MSC cells must first be isolated from their source, cultured, expanded and harvested. If the patient and clinical conditions are favorable and transfusion is possible on the same day cells are harvested, they can be suspended in normal saline solution supplemented with 2.5% HSA and 1 U/ml heparin. As long as this solution is injected to the patient within 18 hours, the cells will retain their viability, biological characteristics and growth potential in the body. Although these cells maintain their growth and differentiation potential in normal saline conditions for 24 hours, considering the decrease in viability to below 80% (especially for cells isolated from bone marrow and Wharton’s jelly), it is more reasonable to perform the transfusion within 18 hours. We also tested a few samples with suspension in 5% HSA. The results were similar to cells suspended in 2.5% HSA (Data not shown).

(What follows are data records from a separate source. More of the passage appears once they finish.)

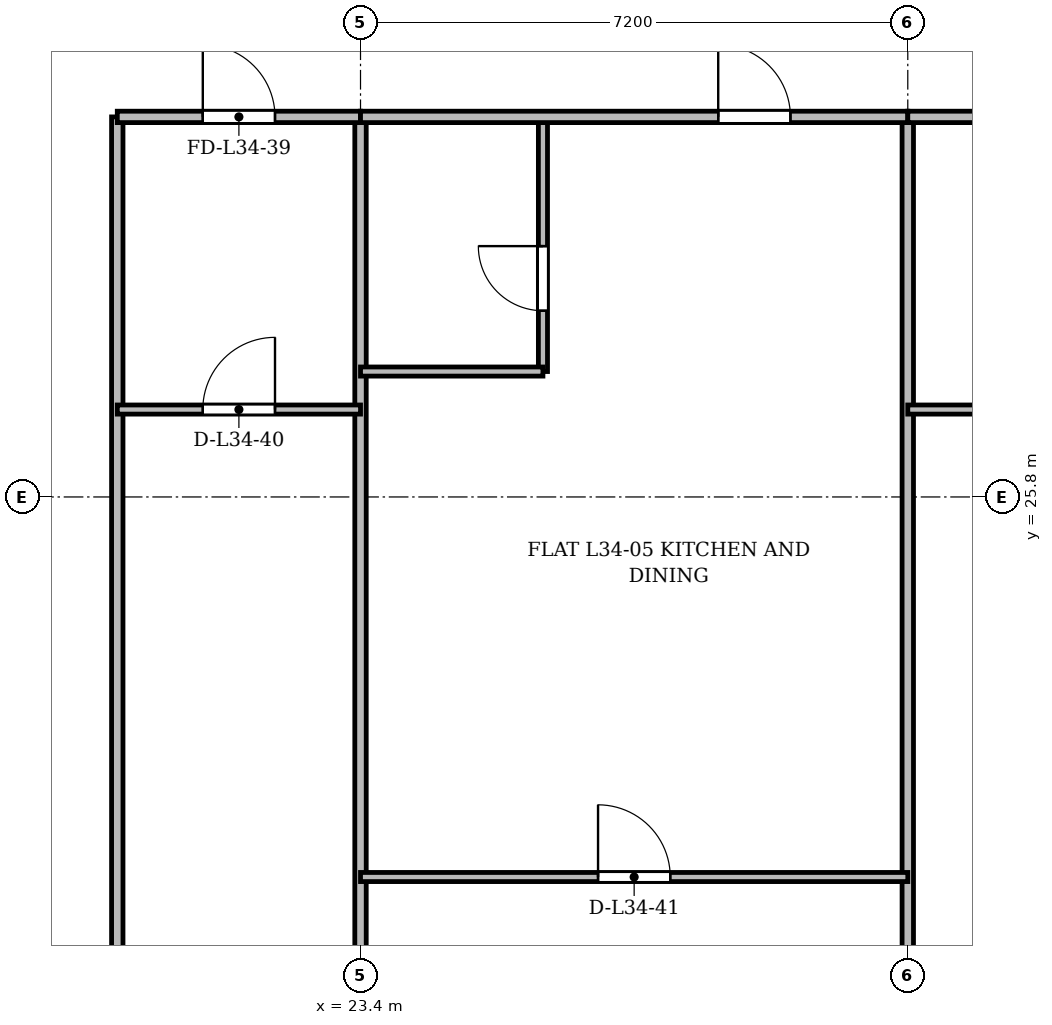
"""IFC4 building model, lengths in metres.
Left out: names, types, materials, properties, quantities, classifications, styles, units other than length and angle.
Written with IfcOpenShell. Run it as: python <this file> out.ifc"""

import sys

from ifc_helpers import new_model, si_unit, direction, frame, frame_2d, origin, place, context, subcontext, project, spatial, rectangle, extrude, source, transform, mapped, element, fill, save


model = new_model("IFC4")
c1 = context("Model", 3, precision=1e-05, world=origin(), true_north=direction((0.0, 1.0)))
c2 = subcontext(c1, "Body", "Model", "MODEL_VIEW")
j1 = project(units=[si_unit("LENGTHUNIT", "METRE"), si_unit("PLANEANGLEUNIT", "RADIAN")], contexts=[c1])
p1 = place(None, origin())
s1 = spatial("IfcSite", under=j1, at=p1, CompositionType="ELEMENT")
p2 = place(p1, origin())
s2 = spatial("IfcBuilding", under=s1, at=p2, CompositionType="ELEMENT")
p3 = place(p2, frame((0.0, 0.0, 132.1)))
s3 = spatial("IfcBuildingStorey", under=s2, at=p3, CompositionType="ELEMENT", Elevation=132.1)
for number, where, z_axis, x_axis in (
    (1, (23.4, 3.525, 0.0), (0.0, 0.0, 1.0), (0.0, 1.0, 0.0)),
    (2, (30.6, 3.525, 0.0), (0.0, 0.0, 1.0), (0.0, 1.0, 0.0)),
):
    element("IfcWall", number, at=place(p3, frame(where, z_axis=z_axis, x_axis=x_axis)), inside=s3, PredefinedType="PARTITIONING", context=c2, shape_type="SweptSolid", body=[
        extrude(rectangle(XDim=27.275, YDim=0.15, at=frame_2d((13.638, 0.0))), origin(), (0.0, 0.0, 1.0), 2.85),
    ])
p4 = place(p3, frame((20.2, 3.525, 0.0), z_axis=(0.0, 0.0, 1.0), x_axis=(0.0, 1.0, 0.0)))
e3 = element("IfcWall", 3, at=p4, inside=s3, PredefinedType="PARTITIONING", context=c2, shape_type="SweptSolid", body=[
    extrude(rectangle(XDim=27.275, YDim=0.15, at=frame_2d((13.638, 0.0))), origin(), (0.0, 0.0, 1.0), 2.75),
])
p5 = place(p3, frame((20.2, 30.8, 0.0), z_axis=(0.0, 0.0, 1.0), x_axis=(1.0, 0.0, 0.0)))
e4 = element("IfcWall", 4, at=p5, inside=s3, PredefinedType="PARTITIONING", context=c2, shape_type="SweptSolid", body=[
    extrude(rectangle(XDim=3.2, YDim=0.15, at=frame_2d((1.6, 0.0))), origin(), (0.0, 0.0, 1.0), 2.85),
])
p6 = place(p5, frame((1.125, 0.0, 0.0)))
e5 = element("IfcOpeningElement", 5, at=p6, cuts=e4, PredefinedType="OPENING", context=c2, shape_type="SweptSolid", body=[
    extrude(rectangle(XDim=0.95, YDim=2.15, at=frame_2d((0.475, 1.075))), frame((0.0, 0.085, 0.0), z_axis=(0.0, -1.0, 0.0), x_axis=(1.0, 0.0, 0.0)), (0.0, 0.0, 1.0), 0.17),
])
p7 = place(p3, frame((20.2, 26.95, 0.0), z_axis=(0.0, 0.0, 1.0), x_axis=(1.0, 0.0, 0.0)))
e6 = element("IfcWall", 6, at=p7, inside=s3, PredefinedType="PARTITIONING", context=c2, shape_type="SweptSolid", body=[
    extrude(rectangle(XDim=3.2, YDim=0.12, at=frame_2d((1.6, 0.0))), origin(), (0.0, 0.0, 1.0), 2.85),
])
p8 = place(p7, frame((1.125, 0.0, 0.0)))
e7 = element("IfcOpeningElement", 7, at=p8, cuts=e6, PredefinedType="OPENING", context=c2, shape_type="SweptSolid", body=[
    extrude(rectangle(XDim=0.95, YDim=2.15, at=frame_2d((0.475, 1.075))), frame((0.0, 0.07, 0.0), z_axis=(0.0, -1.0, 0.0), x_axis=(1.0, 0.0, 0.0)), (0.0, 0.0, 1.0), 0.14),
])
p9 = place(p3, frame((23.4, 20.8, 0.0), z_axis=(0.0, 0.0, 1.0), x_axis=(1.0, 0.0, 0.0)))
e8 = element("IfcWall", 8, at=p9, inside=s3, PredefinedType="PARTITIONING", context=c2, shape_type="SweptSolid", body=[
    extrude(rectangle(XDim=7.2, YDim=0.12, at=frame_2d((3.6, 0.0))), origin(), (0.0, 0.0, 1.0), 2.85),
])
p10 = place(p9, frame((3.125, 0.0, 0.0)))
e9 = element("IfcOpeningElement", 9, at=p10, cuts=e8, PredefinedType="OPENING", context=c2, shape_type="SweptSolid", body=[
    extrude(rectangle(XDim=0.95, YDim=2.15, at=frame_2d((0.475, 1.075))), frame((0.0, 0.07, 0.0), z_axis=(0.0, -1.0, 0.0), x_axis=(1.0, 0.0, 0.0)), (0.0, 0.0, 1.0), 0.14),
])
p11 = place(p3, frame((25.8, 27.45, 0.0), z_axis=(0.0, 0.0, 1.0), x_axis=(0.0, 1.0, 0.0)))
e10 = element("IfcWall", 10, at=p11, inside=s3, PredefinedType="PARTITIONING", context=c2, shape_type="SweptSolid", body=[
    extrude(rectangle(XDim=3.35, YDim=0.12, at=frame_2d((1.675, 0.0))), origin(), (0.0, 0.0, 1.0), 3.35),
])
p12 = place(p11, frame((0.8, 0.0, 0.0)))
e11 = element("IfcOpeningElement", 11, at=p12, cuts=e10, PredefinedType="OPENING", context=c2, shape_type="SweptSolid", body=[
    extrude(rectangle(XDim=0.85, YDim=2.1, at=frame_2d((0.425, 1.05))), frame((0.0, 0.07, 0.0), z_axis=(0.0, -1.0, 0.0), x_axis=(1.0, 0.0, 0.0)), (0.0, 0.0, 1.0), 0.14),
])
p13 = place(p3, frame((23.4, 27.45, 0.0), z_axis=(0.0, 0.0, 1.0), x_axis=(1.0, 0.0, 0.0)))
e12 = element("IfcWall", 12, at=p13, inside=s3, PredefinedType="PARTITIONING", context=c2, shape_type="SweptSolid", body=[
    extrude(rectangle(XDim=2.4, YDim=0.12, at=frame_2d((1.2, 0.0))), origin(), (0.0, 0.0, 1.0), 2.85),
])
p14 = place(p3, frame((23.4, 30.8, 0.0), z_axis=(0.0, 0.0, 1.0), x_axis=(1.0, 0.0, 0.0)))
e13 = element("IfcWall", 13, at=p14, inside=s3, PredefinedType="PARTITIONING", context=c2, shape_type="SweptSolid", body=[
    extrude(rectangle(XDim=7.2, YDim=0.15, at=frame_2d((3.6, 0.0))), origin(), (0.0, 0.0, 1.0), 2.85),
])
p15 = place(p14, frame((4.706, 0.0, 0.0)))
e14 = element("IfcOpeningElement", 14, at=p15, cuts=e13, PredefinedType="OPENING", context=c2, shape_type="SweptSolid", body=[
    extrude(rectangle(XDim=0.95, YDim=2.15, at=frame_2d((0.475, 1.075))), frame((0.0, 0.085, 0.0), z_axis=(0.0, -1.0, 0.0), x_axis=(1.0, 0.0, 0.0)), (0.0, 0.0, 1.0), 0.17),
])
p16 = place(p3, frame((30.6, 30.8, 0.0), z_axis=(0.0, 0.0, 1.0), x_axis=(1.0, 0.0, 0.0)))
e15 = element("IfcWall", 15, at=p16, inside=s3, PredefinedType="PARTITIONING", context=c2, shape_type="SweptSolid", body=[
    extrude(rectangle(XDim=6.6, YDim=0.15, at=frame_2d((3.3, 0.0))), origin(), (0.0, 0.0, 1.0), 2.85),
])
p17 = place(p16, frame((2.734, 0.0, 0.0)))
e16 = element("IfcOpeningElement", 16, at=p17, cuts=e15, PredefinedType="OPENING", context=c2, shape_type="SweptSolid", body=[
    extrude(rectangle(XDim=0.95, YDim=2.15, at=frame_2d((0.475, 1.075))), frame((0.0, 0.085, 0.0), z_axis=(0.0, -1.0, 0.0), x_axis=(1.0, 0.0, 0.0)), (0.0, 0.0, 1.0), 0.17),
])
p18 = place(p3, frame((30.6, 26.95, 0.0), z_axis=(0.0, 0.0, 1.0), x_axis=(1.0, 0.0, 0.0)))
e17 = element("IfcWall", 17, at=p18, inside=s3, PredefinedType="PARTITIONING", context=c2, shape_type="SweptSolid", body=[
    extrude(rectangle(XDim=6.6, YDim=0.12, at=frame_2d((3.3, 0.0))), origin(), (0.0, 0.0, 1.0), 2.85),
])
p19 = place(p18, frame((2.734, 0.0, 0.0)))
e18 = element("IfcOpeningElement", 18, at=p19, cuts=e17, PredefinedType="OPENING", context=c2, shape_type="SweptSolid", body=[
    extrude(rectangle(XDim=0.95, YDim=2.15, at=frame_2d((0.475, 1.075))), frame((0.0, 0.07, 0.0), z_axis=(0.0, -1.0, 0.0), x_axis=(1.0, 0.0, 0.0)), (0.0, 0.0, 1.0), 0.14),
])
m1 = source(origin(), c2, "Body", "SweptSolid", [
    extrude(rectangle(XDim=0.95, YDim=2.15, at=frame_2d((0.475, 1.075))), frame((0.0, 0.025, 0.0), z_axis=(0.0, -1.0, 0.0), x_axis=(1.0, 0.0, 0.0)), (0.0, 0.0, 1.0), 0.05),
])
p20 = place(p6, origin())
e19 = element("IfcDoor", 19, at=p20, inside=s3, OperationType="SINGLE_SWING_LEFT", PredefinedType="DOOR", context=c2, shape_type="MappedRepresentation", body=[
    mapped(m1, transform((0.0, 0.0, 0.0), x_axis=(1.0, 0.0, 0.0), y_axis=(0.0, 1.0, 0.0), z_axis=(0.0, 0.0, 1.0), scale=1.0)),
])
fill(e5, e19)
p21 = place(p8, origin())
e20 = element("IfcDoor", 20, at=p21, inside=s3, OperationType="SINGLE_SWING_RIGHT", PredefinedType="DOOR", context=c2, shape_type="MappedRepresentation", body=[
    mapped(m1, transform((0.0, 0.0, 0.0), x_axis=(1.0, 0.0, 0.0), y_axis=(0.0, 1.0, 0.0), z_axis=(0.0, 0.0, 1.0), scale=1.0)),
])
fill(e7, e20)
p22 = place(p10, origin())
e21 = element("IfcDoor", 21, at=p22, inside=s3, OperationType="SINGLE_SWING_LEFT", PredefinedType="DOOR", context=c2, shape_type="MappedRepresentation", body=[
    mapped(m1, transform((0.0, 0.0, 0.0), x_axis=(1.0, 0.0, 0.0), y_axis=(0.0, 1.0, 0.0), z_axis=(0.0, 0.0, 1.0), scale=1.0)),
])
fill(e9, e21)
m2 = source(origin(), c2, "Body", "SweptSolid", [
    extrude(rectangle(XDim=0.85, YDim=2.1, at=frame_2d((0.425, 1.05))), frame((0.0, 0.025, 0.0), z_axis=(0.0, -1.0, 0.0), x_axis=(1.0, 0.0, 0.0)), (0.0, 0.0, 1.0), 0.05),
])
p23 = place(p12, origin())
e22 = element("IfcDoor", 22, at=p23, inside=s3, OperationType="SINGLE_SWING_RIGHT", PredefinedType="DOOR", context=c2, shape_type="MappedRepresentation", body=[
    mapped(m2, transform((0.0, 0.0, 0.0), x_axis=(1.0, 0.0, 0.0), y_axis=(0.0, 1.0, 0.0), z_axis=(0.0, 0.0, 1.0), scale=1.0)),
])
fill(e11, e22)
p24 = place(p15, origin())
e23 = element("IfcDoor", 23, at=p24, inside=s3, OperationType="SINGLE_SWING_LEFT", PredefinedType="DOOR", context=c2, shape_type="MappedRepresentation", body=[
    mapped(m1, transform((0.0, 0.0, 0.0), x_axis=(1.0, 0.0, 0.0), y_axis=(0.0, 1.0, 0.0), z_axis=(0.0, 0.0, 1.0), scale=1.0)),
])
fill(e14, e23)
save(model, sys.argv[1])

If it is not possible to inject cells within 24 hours after MSCs are harvested, the cells can be kept in AB+ human plasma for at least 4 days without compromising their biological characteristics and viability.
Our findings show that average viability and proliferative potential of cells in this medium remain above the acceptable range (viability of more than 80% and cell confluency above 80% within 20 days), however, some samples showed a decrease in these characteristics after 4 days. Our studies suggest MSCs isolated from adipose tissue can be kept in plasma for up to 7 days, however further validation is needed. Furthermore, although it is possible to keep these cells in plasma medium under fridge and room temperature conditions, we suggest cells be kept in fridge conditions (5+/- 3) because conditions are better maintained.
Suggestions for Further studies
To further confirm the findings of this study, these MSCs can be evaluated for immunomodulatory capabilities and efficacy using in vitro tests on day 3 and day 5.